L’appetito vien mangiando e allora vale la pena consigliare di mettersi a dieta, alla Meloni, perché se il premierato dovesse pur passare alle Camere sarà impallinato dai suoi alleati nel referendum confermativo, e non potrà far finta che non è successo niente.
Pensare di entrare nelle comunità locali a vele spiegate è un altro dei suoi errori, specie quando il livello è quello regionale. Perché qui lo scontro diventa costituzionale ed è ragionevole una rivolta da parte delle regioni per incostituzionalità. Ora sono solo quattro su sette le regioni che hanno ottemperato all’obbligo per legge nazionale di adeguarsi ai due mandati consentiti nei comuni. La ragione è lapalissiana perché qualcuna ha derogato senza opposizione alcuna di natura giuridica.

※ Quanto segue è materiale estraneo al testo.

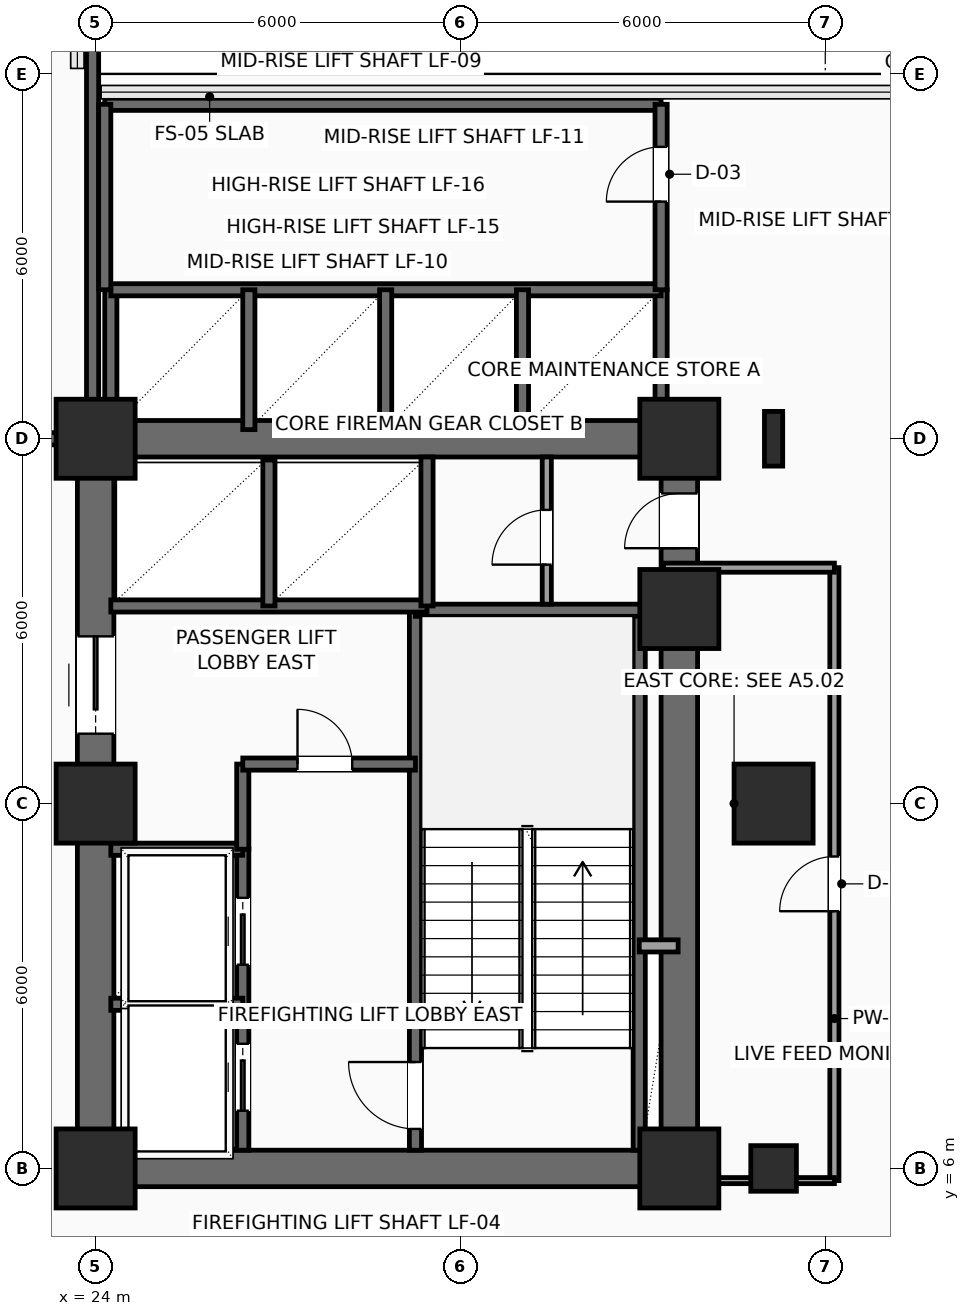
"""IFC4 building model, lengths in metres.
Left out: names, types, materials, properties, quantities, classifications, styles, units other than length and angle.
Written with IfcOpenShell. Run it as: python <this file> out.ifc"""

import sys

from ifc_helpers import new_model, si_unit, direction, frame, frame_2d, origin, origin_2d, place, context, subcontext, project, spatial, rectangle, hollow_rectangle, i_section, extrude, element, fill, save


model = new_model("IFC4")
c1 = context("Model", 3, precision=1e-05, world=origin(), true_north=direction((0.0, 1.0)))
c2 = subcontext(c1, "Body", "Model", "MODEL_VIEW")
j1 = project(units=[si_unit("LENGTHUNIT", "METRE"), si_unit("PLANEANGLEUNIT", "RADIAN")], contexts=[c1])
p1 = place(None, origin())
s1 = spatial("IfcSite", under=j1, at=p1, CompositionType="ELEMENT")
p2 = place(p1, origin())
s2 = spatial("IfcBuilding", under=s1, at=p2, CompositionType="ELEMENT")
p3 = place(p2, frame((0.0, 0.0, 36.3)))
s3 = spatial("IfcBuildingStorey", under=s2, at=p3, CompositionType="ELEMENT", Elevation=36.3)
for number, where, z_axis, x_axis in (
    (1, (24.0, 6.0, 0.0), (0.0, 0.0, 1.0), (1.0, 0.0, 0.0)),
    (2, (24.0, 12.0, 0.0), (0.0, 0.0, 1.0), (1.0, 0.0, 0.0)),
    (3, (24.0, 18.0, 0.0), (0.0, 0.0, 1.0), (1.0, 0.0, 0.0)),
    (4, (33.6, 6.0, 0.0), (0.0, 0.0, 1.0), (1.0, 0.0, 0.0)),
    (5, (33.6, 15.2, 0.0), (0.0, 0.0, 1.0), (1.0, 0.0, 0.0)),
    (6, (33.6, 18.0, 0.0), (0.0, 0.0, 1.0), (1.0, 0.0, 0.0)),
):
    element("IfcColumn", number, at=place(p3, frame(where, z_axis=z_axis, x_axis=x_axis)), inside=s3, PredefinedType="COLUMN", context=c2, shape_type="SweptSolid", body=[
        extrude(rectangle(XDim=1.3, YDim=1.3, at=origin_2d()), origin(), (0.0, 0.0, 1.0), 3.9),
    ])
p4 = place(p3, frame((35.15, 6.0, 0.0), z_axis=(0.0, 0.0, 1.0), x_axis=(1.0, 0.0, 0.0)))
e7 = element("IfcColumn", 7, at=p4, inside=s3, PredefinedType="COLUMN", context=c2, shape_type="SweptSolid", body=[
    extrude(hollow_rectangle(XDim=0.75, YDim=0.75, WallThickness=0.035, InnerFilletRadius=0.035, OuterFilletRadius=0.05, at=origin_2d()), origin(), (0.0, 0.0, 1.0), 3.9),
])
p5 = place(p3, frame((35.15, 12.0, 0.0), z_axis=(0.0, 0.0, 1.0), x_axis=(1.0, 0.0, 0.0)))
e8 = element("IfcColumn", 8, at=p5, inside=s3, PredefinedType="COLUMN", context=c2, shape_type="SweptSolid", body=[
    extrude(rectangle(XDim=1.3, YDim=1.3, at=origin_2d()), origin(), (0.0, 0.0, 1.0), 3.9),
])
p6 = place(p3, frame((35.15, 18.0, 0.0), z_axis=(0.0, 0.0, 1.0), x_axis=(1.0, 0.0, 0.0)))
e9 = element("IfcColumn", 9, at=p6, inside=s3, PredefinedType="COLUMN", context=c2, shape_type="SweptSolid", body=[
    extrude(i_section(OverallWidth=0.3, OverallDepth=0.9, WebThickness=0.019, FlangeThickness=0.035, FilletRadius=0.03, at=origin_2d()), origin(), (0.0, 0.0, 1.0), 3.9),
])
for number, where, z_axis, x_axis in (
    (10, (24.0, 6.0, 0.0), (0.0, 0.0, 1.0), (1.0, 0.0, 0.0)),
    (11, (24.0, 18.0, 0.0), (0.0, 0.0, 1.0), (1.0, 0.0, 0.0)),
):
    element("IfcWall", number, at=place(p3, frame(where, z_axis=z_axis, x_axis=x_axis)), inside=s3, PredefinedType="SHEAR", context=c2, shape_type="SweptSolid", body=[
        extrude(rectangle(XDim=9.6, YDim=0.6, at=frame_2d((4.8, 0.0))), origin(), (0.0, 0.0, 1.0), 3.65),
    ])
p7 = place(p3, frame((24.0, 6.0, 0.0), z_axis=(0.0, 0.0, 1.0), x_axis=(0.0, 1.0, 0.0)))
e12 = element("IfcWall", 12, at=p7, inside=s3, PredefinedType="SHEAR", context=c2, shape_type="SweptSolid", body=[
    extrude(rectangle(XDim=12.0, YDim=0.6, at=frame_2d((6.0, 0.0))), origin(), (0.0, 0.0, 1.0), 3.65),
])
p8 = place(p7, frame((7.15, 0.0, 0.0)))
e13 = element("IfcOpeningElement", 13, at=p8, cuts=e12, PredefinedType="OPENING", context=c2, shape_type="SweptSolid", body=[
    extrude(rectangle(XDim=1.6, YDim=2.3, at=frame_2d((0.8, 1.15))), frame((0.0, 0.31, 0.0), z_axis=(0.0, -1.0, 0.0), x_axis=(1.0, 0.0, 0.0)), (0.0, 0.0, 1.0), 0.62),
])
p9 = place(p3, frame((33.6, 6.0, 0.0), z_axis=(0.0, 0.0, 1.0), x_axis=(0.0, 1.0, 0.0)))
e14 = element("IfcWall", 14, at=p9, inside=s3, PredefinedType="SHEAR", context=c2, shape_type="SweptSolid", body=[
    extrude(rectangle(XDim=12.0, YDim=0.6, at=frame_2d((6.0, 0.0))), origin(), (0.0, 0.0, 1.0), 3.65),
])
p10 = place(p9, frame((10.2, 0.0, 0.0)))
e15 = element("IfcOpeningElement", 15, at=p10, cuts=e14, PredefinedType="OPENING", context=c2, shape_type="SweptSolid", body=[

Infatti in forza dell’autonomia statutaria, fondata sul potere legislativo, ogni regione in primo luogo disciplina se stessa in tutte le sue forme, sicché se ci fosse un’emergenza bisognerebbe operare con legge costituzionale.
Verificato che nessun limite ai mandati consecutivi esiste per il Capo dello Stato e del governo, la prassi si è incaricata per ben due volte di vedere riconfermato il Presidente uscente, e quindi potenzialmente per 14 anni, pari quasi a tre mandati sul piano regionale.
Il fatto si lega alla longevità e alla maggiore tenuta psicofisica. Perché questa discriminazione, allora, verso il personale politico delle autonomie locali? Ci stiamo incamminando dalla legittima vocazione maggioritaria di chi vuole guidare il Paese col consenso popolare alla “avocazione maggioritaria”; una soluzione politica in dispregio del consenso popolare come avverrebbe, per fare degli esempi, in Veneto in Campania e, per citare un comune, a Bari: in tutte e tre le situazioni in presenza di maggioranze assolute. Se non è barare, questo!